# What is normal development



## Luna'sMom (Nov 21, 2013)

Just a quick question: when puppies are little, before 8 weeks old, (or even beyond?) is it normal for them to sometimes go thru what appears to be a bit cow-hocked rears? I ask because, at times Agnes (7 weeks) seems to be a bit this way in the rear. Breeder said it's a puppy thing and never produced a cow-hocked dog and that she will develop normally. Parents are normal, so are relatives. She gaits normal...well, puppies can hop around and move funny until they get more coordinated.  

One reason we went with this breeder is her lines do have have that extreme rear or any of this going on. 

Just curious. 

Thanks.

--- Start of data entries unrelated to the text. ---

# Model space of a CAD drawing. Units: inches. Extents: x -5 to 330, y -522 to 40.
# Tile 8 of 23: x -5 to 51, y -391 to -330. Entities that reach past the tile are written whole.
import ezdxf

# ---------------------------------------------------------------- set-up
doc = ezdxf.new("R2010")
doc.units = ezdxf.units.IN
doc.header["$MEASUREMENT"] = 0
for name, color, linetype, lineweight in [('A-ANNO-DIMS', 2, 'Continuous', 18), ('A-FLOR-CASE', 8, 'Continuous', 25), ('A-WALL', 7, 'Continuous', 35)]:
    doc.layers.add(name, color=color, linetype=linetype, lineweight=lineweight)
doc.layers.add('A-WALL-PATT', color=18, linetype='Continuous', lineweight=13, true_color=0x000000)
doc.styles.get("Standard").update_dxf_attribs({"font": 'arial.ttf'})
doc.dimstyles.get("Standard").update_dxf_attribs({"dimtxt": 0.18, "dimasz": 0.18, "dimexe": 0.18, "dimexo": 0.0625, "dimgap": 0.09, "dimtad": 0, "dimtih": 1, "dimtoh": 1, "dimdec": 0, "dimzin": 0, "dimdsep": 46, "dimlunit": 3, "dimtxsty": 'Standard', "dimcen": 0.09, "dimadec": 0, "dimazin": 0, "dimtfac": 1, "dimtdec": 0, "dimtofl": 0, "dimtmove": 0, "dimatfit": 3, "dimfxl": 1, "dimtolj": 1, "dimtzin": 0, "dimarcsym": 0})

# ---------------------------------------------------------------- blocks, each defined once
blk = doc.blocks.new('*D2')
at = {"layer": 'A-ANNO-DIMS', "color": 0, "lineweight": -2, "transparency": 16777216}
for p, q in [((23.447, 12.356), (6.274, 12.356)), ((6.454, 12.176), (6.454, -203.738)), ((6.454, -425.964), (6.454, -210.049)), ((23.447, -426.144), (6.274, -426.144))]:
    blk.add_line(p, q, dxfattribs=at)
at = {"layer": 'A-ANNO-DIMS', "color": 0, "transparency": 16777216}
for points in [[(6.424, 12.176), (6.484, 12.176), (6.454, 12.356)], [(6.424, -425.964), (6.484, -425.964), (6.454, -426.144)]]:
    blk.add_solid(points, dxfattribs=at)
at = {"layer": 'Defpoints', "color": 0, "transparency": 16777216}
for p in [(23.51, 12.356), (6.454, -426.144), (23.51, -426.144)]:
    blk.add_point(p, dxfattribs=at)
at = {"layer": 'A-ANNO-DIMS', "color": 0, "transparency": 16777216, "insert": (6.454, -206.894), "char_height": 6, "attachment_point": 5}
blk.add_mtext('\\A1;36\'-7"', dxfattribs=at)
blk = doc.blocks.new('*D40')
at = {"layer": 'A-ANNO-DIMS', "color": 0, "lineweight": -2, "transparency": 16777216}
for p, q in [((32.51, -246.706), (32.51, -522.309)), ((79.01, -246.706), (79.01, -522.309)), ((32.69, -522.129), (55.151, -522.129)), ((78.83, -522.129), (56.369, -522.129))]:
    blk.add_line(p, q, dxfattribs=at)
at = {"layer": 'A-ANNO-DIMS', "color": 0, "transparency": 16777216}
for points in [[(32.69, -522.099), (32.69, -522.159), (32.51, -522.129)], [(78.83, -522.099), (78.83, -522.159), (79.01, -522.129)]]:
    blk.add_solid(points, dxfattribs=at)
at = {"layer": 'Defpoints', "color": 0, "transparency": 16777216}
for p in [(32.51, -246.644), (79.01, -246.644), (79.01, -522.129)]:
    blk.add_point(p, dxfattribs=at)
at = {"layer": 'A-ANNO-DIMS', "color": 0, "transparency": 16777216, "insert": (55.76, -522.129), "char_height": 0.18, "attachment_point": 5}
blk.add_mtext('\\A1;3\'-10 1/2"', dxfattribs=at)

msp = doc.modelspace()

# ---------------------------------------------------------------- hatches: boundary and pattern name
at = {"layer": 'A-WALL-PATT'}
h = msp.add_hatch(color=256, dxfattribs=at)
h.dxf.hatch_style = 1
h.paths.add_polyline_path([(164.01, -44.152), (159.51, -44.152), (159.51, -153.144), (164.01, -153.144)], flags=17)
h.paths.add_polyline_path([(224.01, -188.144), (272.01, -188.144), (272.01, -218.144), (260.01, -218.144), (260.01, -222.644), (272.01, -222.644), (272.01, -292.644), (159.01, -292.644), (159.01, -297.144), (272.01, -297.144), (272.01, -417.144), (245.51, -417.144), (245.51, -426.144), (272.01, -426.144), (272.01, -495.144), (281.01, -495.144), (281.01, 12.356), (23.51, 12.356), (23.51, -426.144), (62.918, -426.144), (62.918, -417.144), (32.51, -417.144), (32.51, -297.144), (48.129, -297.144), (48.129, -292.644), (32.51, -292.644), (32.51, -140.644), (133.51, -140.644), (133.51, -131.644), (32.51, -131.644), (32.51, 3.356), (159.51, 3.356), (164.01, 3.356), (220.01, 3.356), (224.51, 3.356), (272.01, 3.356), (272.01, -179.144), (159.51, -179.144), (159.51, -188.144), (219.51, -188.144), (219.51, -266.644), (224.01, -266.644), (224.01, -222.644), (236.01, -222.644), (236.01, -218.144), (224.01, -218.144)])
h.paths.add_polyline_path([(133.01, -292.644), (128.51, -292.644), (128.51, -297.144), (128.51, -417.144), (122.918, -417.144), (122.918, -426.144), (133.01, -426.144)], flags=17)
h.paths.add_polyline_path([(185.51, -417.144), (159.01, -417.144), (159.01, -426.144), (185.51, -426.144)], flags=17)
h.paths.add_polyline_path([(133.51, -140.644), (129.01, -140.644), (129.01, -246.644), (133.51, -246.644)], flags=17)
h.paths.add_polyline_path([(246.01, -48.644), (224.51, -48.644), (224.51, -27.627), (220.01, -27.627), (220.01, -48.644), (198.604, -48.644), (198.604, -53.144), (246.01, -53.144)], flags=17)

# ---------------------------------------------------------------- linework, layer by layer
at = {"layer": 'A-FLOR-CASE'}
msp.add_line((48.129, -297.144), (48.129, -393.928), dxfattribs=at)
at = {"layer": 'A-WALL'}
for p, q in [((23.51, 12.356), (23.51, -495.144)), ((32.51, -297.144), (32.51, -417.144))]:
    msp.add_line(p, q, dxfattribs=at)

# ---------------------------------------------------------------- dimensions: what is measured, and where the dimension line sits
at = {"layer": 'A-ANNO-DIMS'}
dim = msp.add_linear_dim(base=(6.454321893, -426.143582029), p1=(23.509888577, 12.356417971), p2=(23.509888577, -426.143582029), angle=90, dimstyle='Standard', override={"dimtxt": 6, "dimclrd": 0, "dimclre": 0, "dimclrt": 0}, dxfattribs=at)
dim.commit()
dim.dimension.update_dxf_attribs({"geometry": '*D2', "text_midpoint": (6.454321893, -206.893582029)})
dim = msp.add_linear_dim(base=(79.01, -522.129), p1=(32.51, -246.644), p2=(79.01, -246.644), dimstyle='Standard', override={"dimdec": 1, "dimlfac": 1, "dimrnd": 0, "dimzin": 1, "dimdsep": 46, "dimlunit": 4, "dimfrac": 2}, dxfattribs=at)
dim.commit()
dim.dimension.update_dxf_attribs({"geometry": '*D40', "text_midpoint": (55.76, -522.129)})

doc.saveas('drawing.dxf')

I can try to get a picture, but frankly, she will not stand still for a moment...always on the go!


----------



## dogfaeries (Feb 22, 2010)

Perfectly normal from what I've seen.


----------



## Luna'sMom (Nov 21, 2013)

Thanks--not that I dont trust the breeder, ---just asking


----------



## JakodaCD OA (May 14, 2000)

I agree with Diane

Puppies tend to be clumsy, off balance, look pretty funky moving, clutzy pretty normal


----------



## Liesje (Mar 4, 2007)

Depends on the dog to me. I've seen some baby puppies that were so loose and/or so cow hocked, no way I would buy one. Yes, puppies grow and go through weird spurts, but I need to like what I see at 8 weeks. I feel like at that age, you actually can get a good idea of what you're going to get, in overall structure, angles, looseness/dryness of the ligaments and movement, bite/teeth. I don't really like to judge a puppy too harshly after 8 weeks until later on, but if I'm buying a pup from a breeder at that age, I would not take one if I already was hoping the puppy would grow out of this or that.


----------